HP 3000 Manuals

8-Bit Character Sets [ MPE XL Native Language Programmer's Guide ] MPE/iX 5.0 Documentation
MPE XL Native Language Programmer's Guide

8-Bit Character Sets 

Within NLS, each supported language is associated with an 8-bit character
set.  (One character set may support many languages.)  Before the
introduction of NLS, the only widely supported character set was USASCII,
a 128-character set designed to support American English text.  USASCII
uses only seven bits of an 8-bit byte to encode a character, the eighth
or high-order bit is always zero.

It is possible to build supersets of USASCII permitting encoding and
manipulation of characters required by languages other than American
English, by using the eighth bit.  These supersets are referred to as
8-bit or extended character sets.  New characters are added with code
values in the range 161-254.


NOTE  All character sets are supersets of USASCII, and are occasionally
      referred to as ASCII character sets.

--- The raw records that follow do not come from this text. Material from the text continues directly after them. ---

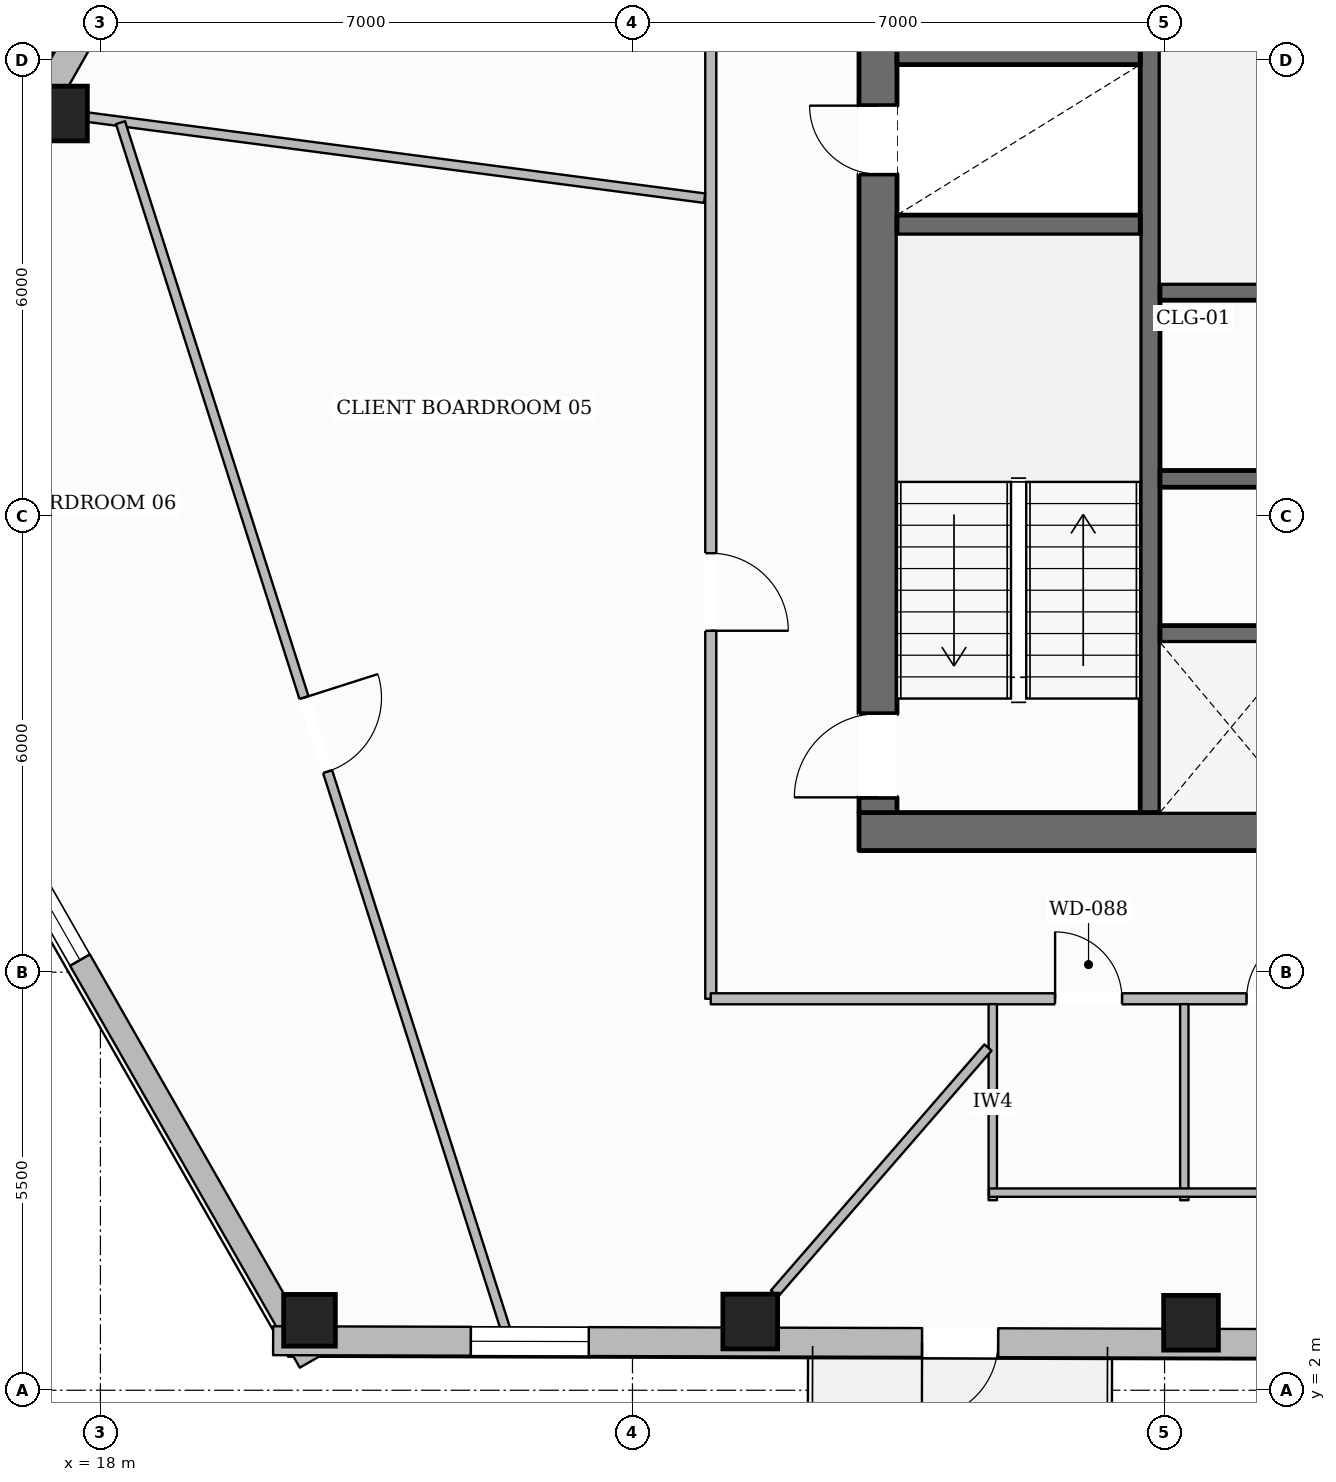
"""IFC4 building model, lengths in metres.
Left out: names, types, materials, properties, quantities, classifications, styles, units other than length and angle.
Written with IfcOpenShell. Run it as: python <this file> out.ifc"""

import sys

from ifc_helpers import new_model, si_unit, direction, frame, frame_2d, origin, origin_2d, place, context, subcontext, project, spatial, rectangle, hollow_rectangle, extrude, element, fill, save


model = new_model("IFC4")
c1 = context("Model", 3, precision=1e-05, world=origin(), true_north=direction((0.0, 1.0)))
c2 = subcontext(c1, "Body", "Model", "MODEL_VIEW")
j1 = project(units=[si_unit("LENGTHUNIT", "METRE"), si_unit("PLANEANGLEUNIT", "RADIAN")], contexts=[c1])
p1 = place(None, origin())
s1 = spatial("IfcSite", under=j1, at=p1, CompositionType="ELEMENT")
p2 = place(p1, origin())
s2 = spatial("IfcBuilding", under=s1, at=p2, CompositionType="ELEMENT")
p3 = place(p2, frame((0.0, 0.0, 97.05)))
s3 = spatial("IfcBuildingStorey", under=s2, at=p3, CompositionType="ELEMENT", Elevation=97.05)
p4 = place(p3, frame((27.98, 9.35, 0.0), z_axis=(0.0, 0.0, 1.0), x_axis=(1.0, 0.0, 0.0)))
e1 = element("IfcWall", 1, at=p4, inside=s3, PredefinedType="SOLIDWALL", context=c2, shape_type="SweptSolid", body=[
    extrude(rectangle(XDim=20.04, YDim=0.5, at=frame_2d((10.02, 0.0))), origin(), (0.0, 0.0, 1.0), 3.6),
])
p5 = place(p4, frame((10.52, 0.0, 0.0)))
e2 = element("IfcOpeningElement", 2, at=p5, cuts=e1, PredefinedType="OPENING", context=c2, shape_type="SweptSolid", body=[
    extrude(rectangle(XDim=1.4, YDim=2.2, at=frame_2d((0.7, 1.1))), frame((0.0, 0.26, 0.0), z_axis=(0.0, -1.0, 0.0), x_axis=(1.0, 0.0, 0.0)), (0.0, 0.0, 1.0), 0.52),
])
p6 = place(p3, frame((28.23, 9.6, 0.0), z_axis=(0.0, 0.0, 1.0), x_axis=(0.0, 1.0, 0.0)))
e3 = element("IfcWall", 3, at=p6, inside=s3, PredefinedType="SOLIDWALL", context=c2, shape_type="SweptSolid", body=[
    extrude(rectangle(XDim=13.0, YDim=0.5, at=frame_2d((6.5, 0.0))), origin(), (0.0, 0.0, 1.0), 3.6),
])
p7 = place(p6, frame((0.2, 0.0, 0.0)))
e4 = element("IfcOpeningElement", 4, at=p7, cuts=e3, PredefinedType="OPENING", context=c2, shape_type="SweptSolid", body=[
    extrude(rectangle(XDim=1.1, YDim=2.15, at=frame_2d((0.55, 1.075))), frame((0.0, 0.26, 0.0), z_axis=(0.0, -1.0, 0.0), x_axis=(1.0, 0.0, 0.0)), (0.0, 0.0, 1.0), 0.52),
])
p8 = place(p6, frame((8.4, 0.0, 0.0)))
e5 = element("IfcOpeningElement", 5, at=p8, cuts=e3, PredefinedType="OPENING", context=c2, shape_type="SweptSolid", body=[
    extrude(rectangle(XDim=0.9, YDim=2.1, at=frame_2d((0.45, 1.05))), frame((0.0, 0.26, 0.0), z_axis=(0.0, -1.0, 0.0), x_axis=(1.0, 0.0, 0.0)), (0.0, 0.0, 1.0), 0.52),
])
p9 = place(p3, frame((31.81, 9.6, 0.0), z_axis=(0.0, 0.0, 1.0), x_axis=(0.0, 1.0, 0.0)))
e6 = element("IfcWall", 6, at=p9, inside=s3, PredefinedType="SHEAR", context=c2, shape_type="SweptSolid", body=[
    extrude(rectangle(XDim=13.0, YDim=0.26, at=frame_2d((6.5, 0.0))), origin(), (0.0, 0.0, 1.0), 3.6),
])
p10 = place(p9, frame((10.925, 0.0, 0.0)))
e7 = element("IfcOpeningElement", 7, at=p10, cuts=e6, PredefinedType="OPENING", context=c2, shape_type="SweptSolid", body=[
    extrude(rectangle(XDim=1.25, YDim=2.25, at=frame_2d((0.625, 1.125))), frame((0.0, 0.14, 0.0), z_axis=(0.0, -1.0, 0.0), x_axis=(1.0, 0.0, 0.0)), (0.0, 0.0, 1.0), 0.28),
])
for number, where, z_axis, x_axis in (
    (8, (28.48, 17.33, 0.0), (0.0, 0.0, 1.0), (1.0, 0.0, 0.0)),
    (9, (28.48, 19.57, 0.0), (0.0, 0.0, 1.0), (1.0, 0.0, 0.0)),
):
    element("IfcWall", number, at=place(p3, frame(where, z_axis=z_axis, x_axis=x_axis)), inside=s3, PredefinedType="SHEAR", context=c2, shape_type="SweptSolid", body=[
        extrude(rectangle(XDim=3.2, YDim=0.26, at=frame_2d((1.6, 0.0))), origin(), (0.0, 0.0, 1.0), 3.6),
    ])
p11 = place(p3, frame((31.94, 16.45, 0.0), z_axis=(0.0, 0.0, 1.0), x_axis=(1.0, 0.0, 0.0)))
e10 = element("IfcWall", 10, at=p11, inside=s3, PredefinedType="SOLIDWALL", context=c2, shape_type="SweptSolid", body=[
    extrude(rectangle(XDim=12.12, YDim=0.22, at=frame_2d((6.06, 0.0))), origin(), (0.0, 0.0, 1.0), 3.6),
])
p12 = place(p3, frame((31.94, 13.99, 0.0), z_axis=(0.0, 0.0, 1.0), x_axis=(1.0, 0.0, 0.0)))
e11 = element("IfcWall", 11, at=p12, inside=s3, PredefinedType="SOLIDWALL", context=c2, shape_type="SweptSolid", body=[
    extrude(rectangle(XDim=12.12, YDim=0.22, at=frame_2d((6.06, 0.0))), origin(), (0.0, 0.0, 1.0), 3.6),
])
p13 = place(p12, frame((2.51, 0.0, 0.0)))
e12 = element("IfcOpeningElement", 12, at=p13, cuts=e11, PredefinedType="OPENING", context=c2, shape_type="SweptSolid", body=[
    extrude(rectangle(XDim=0.9, YDim=2.1, at=frame_2d((0.45, 1.05))), frame((0.0, 0.12, 0.0), z_axis=(0.0, -1.0, 0.0), x_axis=(1.0, 0.0, 0.0)), (0.0, 0.0, 1.0), 0.24),
])
p14 = place(p12, frame((6.535, 0.0, 0.0)))
e13 = element("IfcOpeningElement", 13, at=p14, cuts=e11, PredefinedType="OPENING", context=c2, shape_type="SweptSolid", body=[
    extrude(rectangle(XDim=1.1, YDim=2.2, at=frame_2d((0.55, 1.1))), frame((0.0, 0.12, 0.0), z_axis=(0.0, -1.0, 0.0), x_axis=(1.0, 0.0, 0.0)), (0.0, 0.0, 1.0), 0.24),
])
p15 = place(p12, frame((8.585, 0.0, 0.0)))
e14 = element("IfcOpeningElement", 14, at=p15, cuts=e11, PredefinedType="OPENING", context=c2, shape_type="SweptSolid", body=[
    extrude(rectangle(XDim=1.1, YDim=2.2, at=frame_2d((0.55, 1.1))), frame((0.0, 0.12, 0.0), z_axis=(0.0, -1.0, 0.0), x_axis=(1.0, 0.0, 0.0)), (0.0, 0.0, 1.0), 0.24),
])
p16 = place(p12, frame((10.635, 0.0, 0.0)))
e15 = element("IfcOpeningElement", 15, at=p16, cuts=e11, PredefinedType="OPENING", context=c2, shape_type="SweptSolid", body=[
    extrude(rectangle(XDim=1.1, YDim=2.2, at=frame_2d((0.55, 1.1))), frame((0.0, 0.12, 0.0), z_axis=(0.0, -1.0, 0.0), x_axis=(1.0, 0.0, 0.0)), (0.0, 0.0, 1.0), 0.24),
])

Another method of providing foreign characters not supported by NLS
involves 12 existing characters in USASCII with substitution characters.
The 7-bit substitution set eliminates some characters in favor of others
needed by a particular local language.  A different substitution set is
necessary for each language.  The NLS 8-bit character sets support all
USASCII characters (except for \ in KANA8) in addition to the characters
needed to support several Western European-based languages, Middle
Eastern countries, and KATAKANA.


NOTE  Because 8-bit character sets are used in NLS, all bits of every
      byte have significance.  Application software must take care to
      preserve the eighth bit (high-order), not allowing it to be
      modified or reused for any special purpose.  No differentiation
      should be made between characters that have the eighth bit turned
      off or on, as all are characters of equal status in the extended
      character set.
MPE/iX 5.0 Documentation